How Google drove Samsung away - abennett
http://www.itworld.com/mobile-wireless/208357/how-google-drove-samsung-away

======
ZeroGravitas
Strange how a paragraph from Florian Mueller's blog seems to be getting
repeated round the internet as an official Samsung statement.

Exhibit A:

 _" “If Samsung truly believed that Google’s takeover of Motorola Mobility was
going to be helpful to the entire Android eco-system at large, it would have
waited until that deal was closed before concluding the license agreement with
Microsoft,” said a Samsung official.

“Samsung knows it can’t rely on Google.

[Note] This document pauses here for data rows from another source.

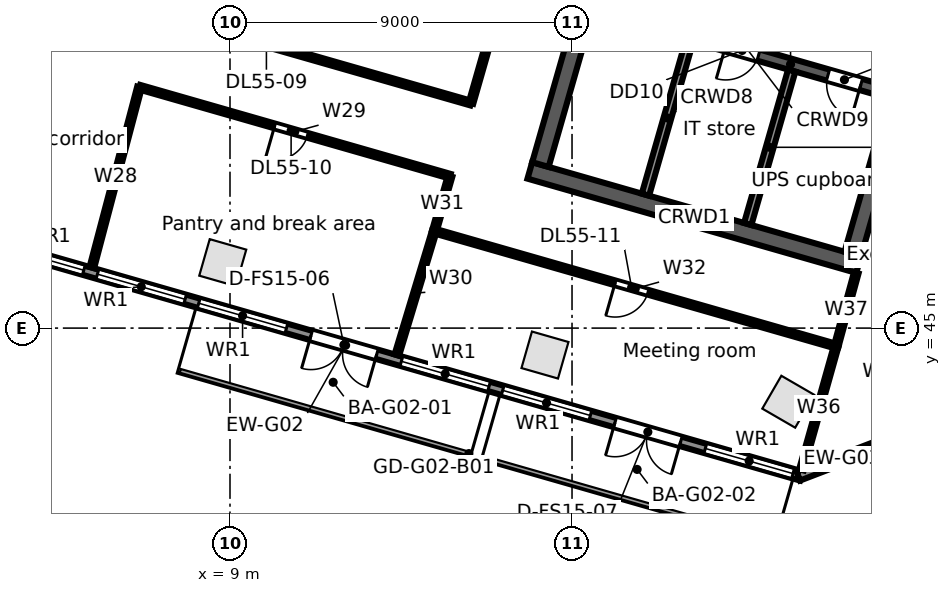
"""IFC4 building model, lengths in metres.
Left out: names, types, materials, properties, quantities, classifications, styles, units other than length and angle.
Written with IfcOpenShell. Run it as: python <this file> out.ifc"""

import sys

from ifc_helpers import new_model, si_unit, direction, frame, frame_2d, origin, origin_2d, place, context, subcontext, project, spatial, rectangle, extrude, element, fill, save


model = new_model("IFC4")
c1 = context("Model", 3, precision=1e-05, world=origin(), true_north=direction((0.0, 1.0)))
c2 = subcontext(c1, "Body", "Model", "MODEL_VIEW")
j1 = project(units=[si_unit("LENGTHUNIT", "METRE"), si_unit("PLANEANGLEUNIT", "RADIAN")], contexts=[c1])
p1 = place(None, origin())
s1 = spatial("IfcSite", under=j1, at=p1, CompositionType="ELEMENT")
p2 = place(p1, origin())
s2 = spatial("IfcBuilding", under=s1, at=p2, CompositionType="ELEMENT")
p3 = place(p2, frame((0.0, 0.0, 254.3)))
s3 = spatial("IfcBuildingStorey", under=s2, at=p3, CompositionType="ELEMENT", Elevation=254.3)
for number, where, z_axis, x_axis in (
    (1, (8.81, 46.722, 0.0), (0.0, 0.0, 1.0), (0.961, -0.276, 0.0)),
    (2, (17.288, 44.291, 0.0), (0.0, 0.0, 1.0), (0.961, -0.276, 0.0)),
    (3, (23.69, 43.063, 0.0), (0.0, 0.0, 1.0), (-0.865, 0.501, 0.0)),
):
    element("IfcColumn", number, at=place(p3, frame(where, z_axis=z_axis, x_axis=x_axis)), inside=s3, PredefinedType="COLUMN", context=c2, shape_type="SweptSolid", body=[
        extrude(rectangle(XDim=1.0, YDim=1.0, at=origin_2d()), origin(), (0.0, 0.0, 1.0), 3.9),
    ])
p4 = place(p3, frame((24.034, 41.108, 0.0), z_axis=(0.0, 0.0, 1.0), x_axis=(-0.96126060691, 0.275641153683, 0.0)))
e4 = element("IfcWall", 4, at=p4, inside=s3, PredefinedType="STANDARD", context=c2, shape_type="SweptSolid", body=[
    extrude(rectangle(XDim=24.951, YDim=0.25, at=frame_2d((12.475, 0.0))), origin(), (0.0, 0.0, 1.0), 3.55),
])
p5 = place(p4, frame((22.416, 0.0, 0.8)))
e5 = element("IfcOpeningElement", 5, at=p5, cuts=e4, PredefinedType="OPENING", context=c2, shape_type="SweptSolid", body=[
    extrude(rectangle(XDim=2.4, YDim=2.2, at=frame_2d((1.2, 1.1))), frame((0.0, 0.135, 0.0), z_axis=(0.0, -1.0, 0.0), x_axis=(1.0, 0.0, 0.0)), (0.0, 0.0, 1.0), 0.27),
])
p6 = place(p4, frame((19.643, 0.0, 0.8)))
e6 = element("IfcOpeningElement", 6, at=p6, cuts=e4, PredefinedType="OPENING", context=c2, shape_type="SweptSolid", body=[
    extrude(rectangle(XDim=2.4, YDim=2.2, at=frame_2d((1.2, 1.1))), frame((0.0, 0.135, 0.0), z_axis=(0.0, -1.0, 0.0), x_axis=(1.0, 0.0, 0.0)), (0.0, 0.0, 1.0), 0.27),
])
p7 = place(p4, frame((16.869, 0.0, 0.8)))
e7 = element("IfcOpeningElement", 7, at=p7, cuts=e4, PredefinedType="OPENING", context=c2, shape_type="SweptSolid", body=[
    extrude(rectangle(XDim=2.4, YDim=2.2, at=frame_2d((1.2, 1.1))), frame((0.0, 0.135, 0.0), z_axis=(0.0, -1.0, 0.0), x_axis=(1.0, 0.0, 0.0)), (0.0, 0.0, 1.0), 0.27),
])
p8 = place(p4, frame((14.096, 0.0, 0.8)))
e8 = element("IfcOpeningElement", 8, at=p8, cuts=e4, PredefinedType="OPENING", context=c2, shape_type="SweptSolid", body=[
    extrude(rectangle(XDim=2.4, YDim=2.2, at=frame_2d((1.2, 1.1))), frame((0.0, 0.135, 0.0), z_axis=(0.0, -1.0, 0.0), x_axis=(1.0, 0.0, 0.0)), (0.0, 0.0, 1.0), 0.27),
])
p9 = place(p4, frame((11.622, 0.0, 0.0)))
e9 = element("IfcOpeningElement", 9, at=p9, cuts=e4, PredefinedType="OPENING", context=c2, shape_type="SweptSolid", body=[
    extrude(rectangle(XDim=1.8, YDim=2.4, at=frame_2d((0.9, 1.2))), frame((0.0, 0.135, 0.0), z_axis=(0.0, -1.0, 0.0), x_axis=(1.0, 0.0, 0.0)), (0.0, 0.0, 1.0), 0.27),
])
p10 = place(p4, frame((8.549, 0.0, 0.8)))
e10 = element("IfcOpeningElement", 10, at=p10, cuts=e4, PredefinedType="OPENING", context=c2, shape_type="SweptSolid", body=[
    extrude(rectangle(XDim=2.4, YDim=2.2, at=frame_2d((1.2, 1.1))), frame((0.0, 0.135, 0.0), z_axis=(0.0, -1.0, 0.0), x_axis=(1.0, 0.0, 0.0)), (0.0, 0.0, 1.0), 0.27),
])
p11 = place(p4, frame((5.775, 0.0, 0.8)))
e11 = element("IfcOpeningElement", 11, at=p11, cuts=e4, PredefinedType="OPENING", context=c2, shape_type="SweptSolid", body=[
    extrude(rectangle(XDim=2.4, YDim=2.2, at=frame_2d((1.2, 1.1))), frame((0.0, 0.135, 0.0), z_axis=(0.0, -1.0, 0.0), x_axis=(1.0, 0.0, 0.0)), (0.0, 0.0, 1.0), 0.27),
])
p12 = place(p4, frame((3.302, 0.0, 0.0)))
e12 = element("IfcOpeningElement", 12, at=p12, cuts=e4, PredefinedType="OPENING", context=c2, shape_type="SweptSolid", body=[
    extrude(rectangle(XDim=1.8, YDim=2.4, at=frame_2d((0.9, 1.2))), frame((0.0, 0.135, 0.0), z_axis=(0.0, -1.0, 0.0), x_axis=(1.0, 0.0, 0.0)), (0.0, 0.0, 1.0), 0.27),
])
p13 = place(p4, frame((0.229, 0.0, 0.8)))
e13 = element("IfcOpeningElement", 13, at=p13, cuts=e4, PredefinedType="OPENING", context=c2, shape_type="SweptSolid", body=[
    extrude(rectangle(XDim=2.4, YDim=2.2, at=frame_2d((1.2, 1.1))), frame((0.0, 0.135, 0.0), z_axis=(0.0, -1.0, 0.0), x_axis=(1.0, 0.0, 0.0)), (0.0, 0.0, 1.0), 0.27),
])
p14 = place(p3, frame((26.27, 41.993, 0.0), z_axis=(0.0, 0.0, 1.0), x_axis=(-0.933573798066, -0.358385216722, 0.0)))
e14 = element("IfcWall", 14, at=p14, inside=s3, PredefinedType="STANDARD", context=c2, shape_type="SweptSolid", body=[
    extrude(rectangle(XDim=2.48, YDim=0.25, at=frame_2d((1.24, 0.0))), origin(), (0.0, 0.0, 1.0), 3.55),
])
p15 = place(p3, frame((16.89, 49.149, 0.0), z_axis=(0.0, 0.0, 1.0), x_axis=(0.96126248289, -0.275634611374, 0.0)))
e15 = element("IfcWall", 15, at=p15, inside=s3, PredefinedType="SOLIDWALL", context=c2, shape_type="SweptSolid", body=[
    extrude(rectangle(XDim=9.0, YDim=0.45, at=frame_2d((4.5, 0.0))), origin(), (0.0, 0.0, 1.0), 3.55),
])
p16 = place(p3, frame((21.131, 52.692, 0.0), z_axis=(0.0, 0.0, 1.0), x_axis=(0.961261488075, -0.275638080722, 0.0)))
e16 = element("IfcWall", 16, at=p16, inside=s3, PredefinedType="SOLIDWALL", context=c2, shape_type="SweptSolid", body=[
    extrude(rectangle(XDim=5.45, YDim=0.3, at=frame_2d((2.725, 0.0))), origin(), (0.0, 0.0, 1.0), 3.55),
])
p17 = place(p16, frame((0.95, 0.0, 0.0)))
e17 = element("IfcOpeningElement", 17, at=p17, cuts=e16, PredefinedType="OPENING", context=c2, shape_type="SweptSolid", body=[
    extrude(rectangle(XDim=0.9, YDim=2.1, at=frame_2d((0.45, 1.05))), frame((0.0, 0.16, 0.0), z_axis=(0.0, -1.0, 0.0), x_axis=(1.0, 0.0, 0.0)), (0.0, 0.0, 1.0), 0.32),
])
p18 = place(p16, frame((3.75, 0.0, 0.0)))
e18 = element("IfcOpeningElement", 18, at=p18, cuts=e16, PredefinedType="OPENING", context=c2, shape_type="SweptSolid", body=[
    extrude(rectangle(XDim=0.9, YDim=2.1, at=frame_2d((0.45, 1.05))), frame((0.0, 0.16, 0.0), z_axis=(0.0, -1.0, 0.0), x_axis=(1.0, 0.0, 0.0)), (0.0, 0.0, 1.0), 0.32),
])
p19 = place(p3, frame((17.168, 49.303, 0.0), z_axis=(0.0, 0.0, 1.0), x_axis=(0.275638974822, 0.961261231695, 0.0)))
e19 = element("IfcWall", 19, at=p19, inside=s3, PredefinedType="SOLIDWALL", context=c2, shape_type="SweptSolid", body=[
    extrude(rectangle(XDim=11.1, YDim=0.45, at=frame_2d((5.55, 0.0))), origin(), (0.0, 0.0, 1.0), 3.55),
])
p20 = place(p19, frame((4.95, 0.0, 0.0)))
e20 = element("IfcOpeningElement", 20, at=p20, cuts=e19, PredefinedType="OPENING", context=c2, shape_type="SweptSolid", body=[
    extrude(rectangle(XDim=1.2, YDim=2.1, at=frame_2d((0.6, 1.05))), frame((0.0, 0.235, 0.0), z_axis=(0.0, -1.0, 0.0), x_axis=(1.0, 0.0, 0.0)), (0.0, 0.0, 1.0), 0.47),
])
p21 = place(p3, frame((19.932, 48.511, 0.0), z_axis=(0.0, 0.0, 1.0), x_axis=(0.275642273411, 0.961260285827, 0.0)))
e21 = element("IfcWall", 21, at=p21, inside=s3, PredefinedType="SOLIDWALL", context=c2, shape_type="SweptSolid", body=[
    extrude(rectangle(XDim=4.2, YDim=0.2, at=frame_2d((2.1, 0.0))), origin(), (0.0, 0.0, 1.0), 3.55),
])
p22 = place(p3, frame((22.623, 47.739, 0.0), z_axis=(0.0, 0.0, 1.0), x_axis=(0.275642273411, 0.961260285827, 0.0)))
e22 = element("IfcWall", 22, at=p22, inside=s3, PredefinedType="PARTITIONING", context=c2, shape_type="SweptSolid", body=[
    extrude(rectangle(XDim=4.2, YDim=0.2, at=frame_2d((2.1, 0.0))), origin(), (0.0, 0.0, 1.0), 3.55),
])
p23 = place(p3, frame((25.387, 46.947, 0.0), z_axis=(0.0, 0.0, 1.0), x_axis=(0.275638974822, 0.961261231695, 0.0)))
e23 = element("IfcWall", 23, at=p23, inside=s3, PredefinedType="SOLIDWALL", context=c2, shape_type="SweptSolid", body=[
    extrude(rectangle(XDim=11.1, YDim=0.45, at=frame_2d((5.55, 0.0))), origin(), (0.0, 0.0, 1.0), 3.55),
])
p24 = place(p23, frame((4.95, 0.0, 0.0)))
e24 = element("IfcOpeningElement", 24, at=p24, cuts=e23, PredefinedType="OPENING", context=c2, shape_type="SweptSolid", body=[
    extrude(rectangle(XDim=1.2, YDim=2.1, at=frame_2d((0.6, 1.05))), frame((0.0, 0.235, 0.0), z_axis=(0.0, -1.0, 0.0), x_axis=(1.0, 0.0, 0.0)), (0.0, 0.0, 1.0), 0.47),
])
p25 = place(p3, frame((4.527, 54.02, 0.0), z_axis=(0.0, 0.0, 1.0), x_axis=(0.961279520283, -0.275575187352, 0.0)))
e25 = element("IfcWall", 25, at=p25, inside=s3, PredefinedType="PARTITIONING", context=c2, shape_type="SweptSolid", body=[
    extrude(rectangle(XDim=11.25, YDim=0.125, at=frame_2d((5.625, 0.0))), origin(), (0.0, 0.0, 1.0), 2.618),
])
p26 = place(p25, frame((5.2, 0.0, 0.0)))
e26 = element("IfcOpeningElement", 26, at=p26, cuts=e25, PredefinedType="OPENING", context=c2, shape_type="SweptSolid", body=[
    extrude(rectangle(XDim=0.9, YDim=2.1, at=frame_2d((0.45, 1.05))), frame((0.0, 0.073, 0.0), z_axis=(0.0, -1.0, 0.0), x_axis=(1.0, 0.0, 0.0)), (0.0, 0.0, 1.0), 0.145),
])
p27 = place(p3, frame((5.364, 46.592, 0.0), z_axis=(0.0, 0.0, 1.0), x_axis=(0.255520885185, 0.966803536006, 0.0)))
e27 = element("IfcWall", 27, at=p27, inside=s3, PredefinedType="PARTITIONING", context=c2, shape_type="SweptSolid", body=[
    extrude(rectangle(XDim=4.911, YDim=0.125, at=frame_2d((2.456, 0.0))), origin(), (0.0, 0.0, 1.0), 2.73),
])
p28 = place(p3, frame((6.619, 51.34, 0.0), z_axis=(0.0, 0.0, 1.0), x_axis=(0.961262314742, -0.275635197782, 0.0)))
e28 = element("IfcWall", 28, at=p28, inside=s3, PredefinedType="PARTITIONING", context=c2, shape_type="SweptSolid", body=[
    extrude(rectangle(XDim=8.5, YDim=0.125, at=frame_2d((4.25, 0.0))), origin(), (0.0, 0.0, 1.0), 2.618),
])
p29 = place(p28, frame((3.7, 0.0, 0.0)))
e29 = element("IfcOpeningElement", 29, at=p29, cuts=e28, PredefinedType="OPENING", context=c2, shape_type="SweptSolid", body=[
    extrude(rectangle(XDim=0.9, YDim=2.1, at=frame_2d((0.45, 1.05))), frame((0.0, 0.073, 0.0), z_axis=(0.0, -1.0, 0.0), x_axis=(1.0, 0.0, 0.0)), (0.0, 0.0, 1.0), 0.145),
])
p30 = place(p3, frame((13.39, 44.29, 0.0), z_axis=(0.0, 0.0, 1.0), x_axis=(0.289389501276, 0.957211427299, 0.0)))
e30 = element("IfcWall", 30, at=p30, inside=s3, PredefinedType="PARTITIONING", context=c2, shape_type="SweptSolid", body=[
    extrude(rectangle(XDim=3.411, YDim=0.125, at=frame_2d((1.706, 0.0))), origin(), (0.0, 0.0, 1.0), 2.73),
])
p31 = place(p3, frame((14.377, 47.555, 0.0), z_axis=(0.0, 0.0, 1.0), x_axis=(0.275365908, 0.961339490873, 0.0)))
e31 = element("IfcWall", 31, at=p31, inside=s3, PredefinedType="PARTITIONING", context=c2, shape_type="SweptSolid", body=[
    extrude(rectangle(XDim=1.5, YDim=0.125, at=frame_2d((0.75, 0.0))), origin(), (0.0, 0.0, 1.0), 3.55),
])
p32 = place(p3, frame((14.377, 47.555, 0.0), z_axis=(0.0, 0.0, 1.0), x_axis=(0.961263044958, -0.275632651182, 0.0)))
e32 = element("IfcWall", 32, at=p32, inside=s3, PredefinedType="PARTITIONING", context=c2, shape_type="SweptSolid", body=[
    extrude(rectangle(XDim=11.0, YDim=0.125, at=frame_2d((5.5, 0.0))), origin(), (0.0, 0.0, 1.0), 2.73),
])
p33 = place(p32, frame((4.95, 0.0, 0.0)))
e33 = element("IfcOpeningElement", 33, at=p33, cuts=e32, PredefinedType="OPENING", context=c2, shape_type="SweptSolid", body=[
    extrude(rectangle(XDim=0.9, YDim=2.1, at=frame_2d((0.45, 1.05))), frame((0.0, 0.073, 0.0), z_axis=(0.0, -1.0, 0.0), x_axis=(1.0, 0.0, 0.0)), (0.0, 0.0, 1.0), 0.145),
])
p34 = place(p3, frame((15.341, 50.92, 0.0), z_axis=(0.0, 0.0, 1.0), x_axis=(0.275653309838, 0.961257121053, 0.0)))
e34 = element("IfcWall", 34, at=p34, inside=s3, PredefinedType="PARTITIONING", context=c2, shape_type="SweptSolid", body=[
    extrude(rectangle(XDim=5.499, YDim=0.125, at=frame_2d((2.75, 0.0))), origin(), (0.0, 0.0, 1.0), 2.618),
])
p35 = place(p3, frame((24.036, 41.27, 0.0), z_axis=(0.0, 0.0, 1.0), x_axis=(0.270787421954, 0.962639170256, 0.0)))
e35 = element("IfcWall", 35, at=p35, inside=s3, PredefinedType="PARTITIONING", context=c2, shape_type="SweptSolid", body=[
    extrude(rectangle(XDim=3.379, YDim=0.125, at=frame_2d((1.689, 0.0))), origin(), (0.0, 0.0, 1.0), 3.55),
])
p36 = place(p3, frame((24.951, 44.523, 0.0), z_axis=(0.0, 0.0, 1.0), x_axis=(0.264046927145, 0.964509834198, 0.0)))
e36 = element("IfcWall", 36, at=p36, inside=s3, PredefinedType="PARTITIONING", context=c2, shape_type="SweptSolid", body=[
    extrude(rectangle(XDim=2.0, YDim=0.125, at=frame_2d((1.0, 0.0))), origin(), (0.0, 0.0, 1.0), 2.73),
])
p37 = place(p6, origin())
e37 = element("IfcWindow", 37, at=p37, inside=s3, PartitioningType="SINGLE_PANEL", PredefinedType="WINDOW", context=c2, shape_type="SweptSolid", body=[
    extrude(rectangle(XDim=2.4, YDim=2.2, at=frame_2d((1.2, 1.1))), frame((0.0, 0.03, 0.0), z_axis=(0.0, -1.0, 0.0), x_axis=(1.0, 0.0, 0.0)), (0.0, 0.0, 1.0), 0.06),
])
fill(e6, e37)
p38 = place(p7, origin())
e38 = element("IfcWindow", 38, at=p38, inside=s3, PartitioningType="SINGLE_PANEL", PredefinedType="WINDOW", context=c2, shape_type="SweptSolid", body=[
    extrude(rectangle(XDim=2.4, YDim=2.2, at=frame_2d((1.2, 1.1))), frame((0.0, 0.03, 0.0), z_axis=(0.0, -1.0, 0.0), x_axis=(1.0, 0.0, 0.0)), (0.0, 0.0, 1.0), 0.06),
])
fill(e7, e38)
p39 = place(p8, origin())
e39 = element("IfcWindow", 39, at=p39, inside=s3, PartitioningType="SINGLE_PANEL", PredefinedType="WINDOW", context=c2, shape_type="SweptSolid", body=[
    extrude(rectangle(XDim=2.4, YDim=2.2, at=frame_2d((1.2, 1.1))), frame((0.0, 0.03, 0.0), z_axis=(0.0, -1.0, 0.0), x_axis=(1.0, 0.0, 0.0)), (0.0, 0.0, 1.0), 0.06),
])
fill(e8, e39)
p40 = place(p9, origin())
e40 = element("IfcDoor", 40, at=p40, inside=s3, OperationType="DOUBLE_DOOR_SINGLE_SWING", PredefinedType="DOOR", context=c2, shape_type="SweptSolid", body=[
    extrude(rectangle(XDim=1.8, YDim=2.4, at=frame_2d((0.9, 1.2))), frame((0.0, 0.025, 0.0), z_axis=(0.0, -1.0, 0.0), x_axis=(1.0, 0.0, 0.0)), (0.0, 0.0, 1.0), 0.05),
])
fill(e9, e40)
p41 = place(p10, origin())
e41 = element("IfcWindow", 41, at=p41, inside=s3, PartitioningType="SINGLE_PANEL", PredefinedType="WINDOW", context=c2, shape_type="SweptSolid", body=[
    extrude(rectangle(XDim=2.4, YDim=2.2, at=frame_2d((1.2, 1.1))), frame((0.0, 0.03, 0.0), z_axis=(0.0, -1.0, 0.0), x_axis=(1.0, 0.0, 0.0)), (0.0, 0.0, 1.0), 0.06),
])
fill(e10, e41)
p42 = place(p11, origin())
e42 = element("IfcWindow", 42, at=p42, inside=s3, PartitioningType="SINGLE_PANEL", PredefinedType="WINDOW", context=c2, shape_type="SweptSolid", body=[
    extrude(rectangle(XDim=2.4, YDim=2.2, at=frame_2d((1.2, 1.1))), frame((0.0, 0.03, 0.0), z_axis=(0.0, -1.0, 0.0), x_axis=(1.0, 0.0, 0.0)), (0.0, 0.0, 1.0), 0.06),
])
fill(e11, e42)
p43 = place(p12, origin())
e43 = element("IfcDoor", 43, at=p43, inside=s3, OperationType="DOUBLE_DOOR_SINGLE_SWING", PredefinedType="DOOR", context=c2, shape_type="SweptSolid", body=[
    extrude(rectangle(XDim=1.8, YDim=2.4, at=frame_2d((0.9, 1.2))), frame((0.0, 0.025, 0.0), z_axis=(0.0, -1.0, 0.0), x_axis=(1.0, 0.0, 0.0)), (0.0, 0.0, 1.0), 0.05),
])
fill(e12, e43)
p44 = place(p13, origin())
e44 = element("IfcWindow", 44, at=p44, inside=s3, PartitioningType="SINGLE_PANEL", PredefinedType="WINDOW", context=c2, shape_type="SweptSolid", body=[
    extrude(rectangle(XDim=2.4, YDim=2.2, at=frame_2d((1.2, 1.1))), frame((0.0, 0.03, 0.0), z_axis=(0.0, -1.0, 0.0), x_axis=(1.0, 0.0, 0.0)), (0.0, 0.0, 1.0), 0.06),
])
fill(e13, e44)
p45 = place(p17, frame((0.9, 0.0, 0.0), z_axis=(0.0, 0.0, 1.0), x_axis=(-1.0, 0.0, 0.0)))
e45 = element("IfcDoor", 45, at=p45, inside=s3, OperationType="SINGLE_SWING_RIGHT", PredefinedType="DOOR", context=c2, shape_type="SweptSolid", body=[
    extrude(rectangle(XDim=0.9, YDim=2.1, at=frame_2d((0.45, 1.05))), frame((0.0, 0.025, 0.0), z_axis=(0.0, -1.0, 0.0), x_axis=(1.0, 0.0, 0.0)), (0.0, 0.0, 1.0), 0.05),
])
fill(e17, e45)
p46 = place(p18, frame((0.9, 0.0, 0.0), z_axis=(0.0, 0.0, 1.0), x_axis=(-1.0, 0.0, 0.0)))
e46 = element("IfcDoor", 46, at=p46, inside=s3, OperationType="SINGLE_SWING_LEFT", PredefinedType="DOOR", context=c2, shape_type="SweptSolid", body=[
    extrude(rectangle(XDim=0.9, YDim=2.1, at=frame_2d((0.45, 1.05))), frame((0.0, 0.025, 0.0), z_axis=(0.0, -1.0, 0.0), x_axis=(1.0, 0.0, 0.0)), (0.0, 0.0, 1.0), 0.05),
])
fill(e18, e46)
p47 = place(p29, frame((0.9, 0.0, 0.0), z_axis=(0.0, 0.0, 1.0), x_axis=(-1.0, 0.0, 0.0)))
e47 = element("IfcDoor", 47, at=p47, inside=s3, OperationType="SINGLE_SWING_RIGHT", PredefinedType="DOOR", context=c2, shape_type="SweptSolid", body=[
    extrude(rectangle(XDim=0.9, YDim=2.1, at=frame_2d((0.45, 1.05))), frame((0.0, 0.025, 0.0), z_axis=(0.0, -1.0, 0.0), x_axis=(1.0, 0.0, 0.0)), (0.0, 0.0, 1.0), 0.05),
])
fill(e29, e47)
p48 = place(p33, frame((0.9, 0.0, 0.0), z_axis=(0.0, 0.0, 1.0), x_axis=(-1.0, 0.0, 0.0)))
e48 = element("IfcDoor", 48, at=p48, inside=s3, OperationType="SINGLE_SWING_RIGHT", PredefinedType="DOOR", context=c2, shape_type="SweptSolid", body=[
    extrude(rectangle(XDim=0.9, YDim=2.1, at=frame_2d((0.45, 1.05))), frame((0.0, 0.025, 0.0), z_axis=(0.0, -1.0, 0.0), x_axis=(1.0, 0.0, 0.0)), (0.0, 0.0, 1.0), 0.05),
])
fill(e33, e48)
save(model, sys.argv[1])

We’ve decided to address Android IP
issues on our own.”"_

[http://www.koreatimes.co.kr/www/news/tech/2011/09/133_95716....](http://www.koreatimes.co.kr/www/news/tech/2011/09/133_95716.html)

Exhibit B

 _"If Samsung truly believed that Google's acquisition of Motorola Mobility
was going to be helpful to the Android ecosystem at large, it would have
waited until that deal is closed before concluding the license agreement with
Microsoft. But Samsung probably knows it can't rely on Google. It decided to
address Android's intellectual property issues on its own."_

[http://fosspatents.blogspot.com/2011/09/samsung-takes-
androi...](http://fosspatents.blogspot.com/2011/09/samsung-takes-android-
patent-license.html)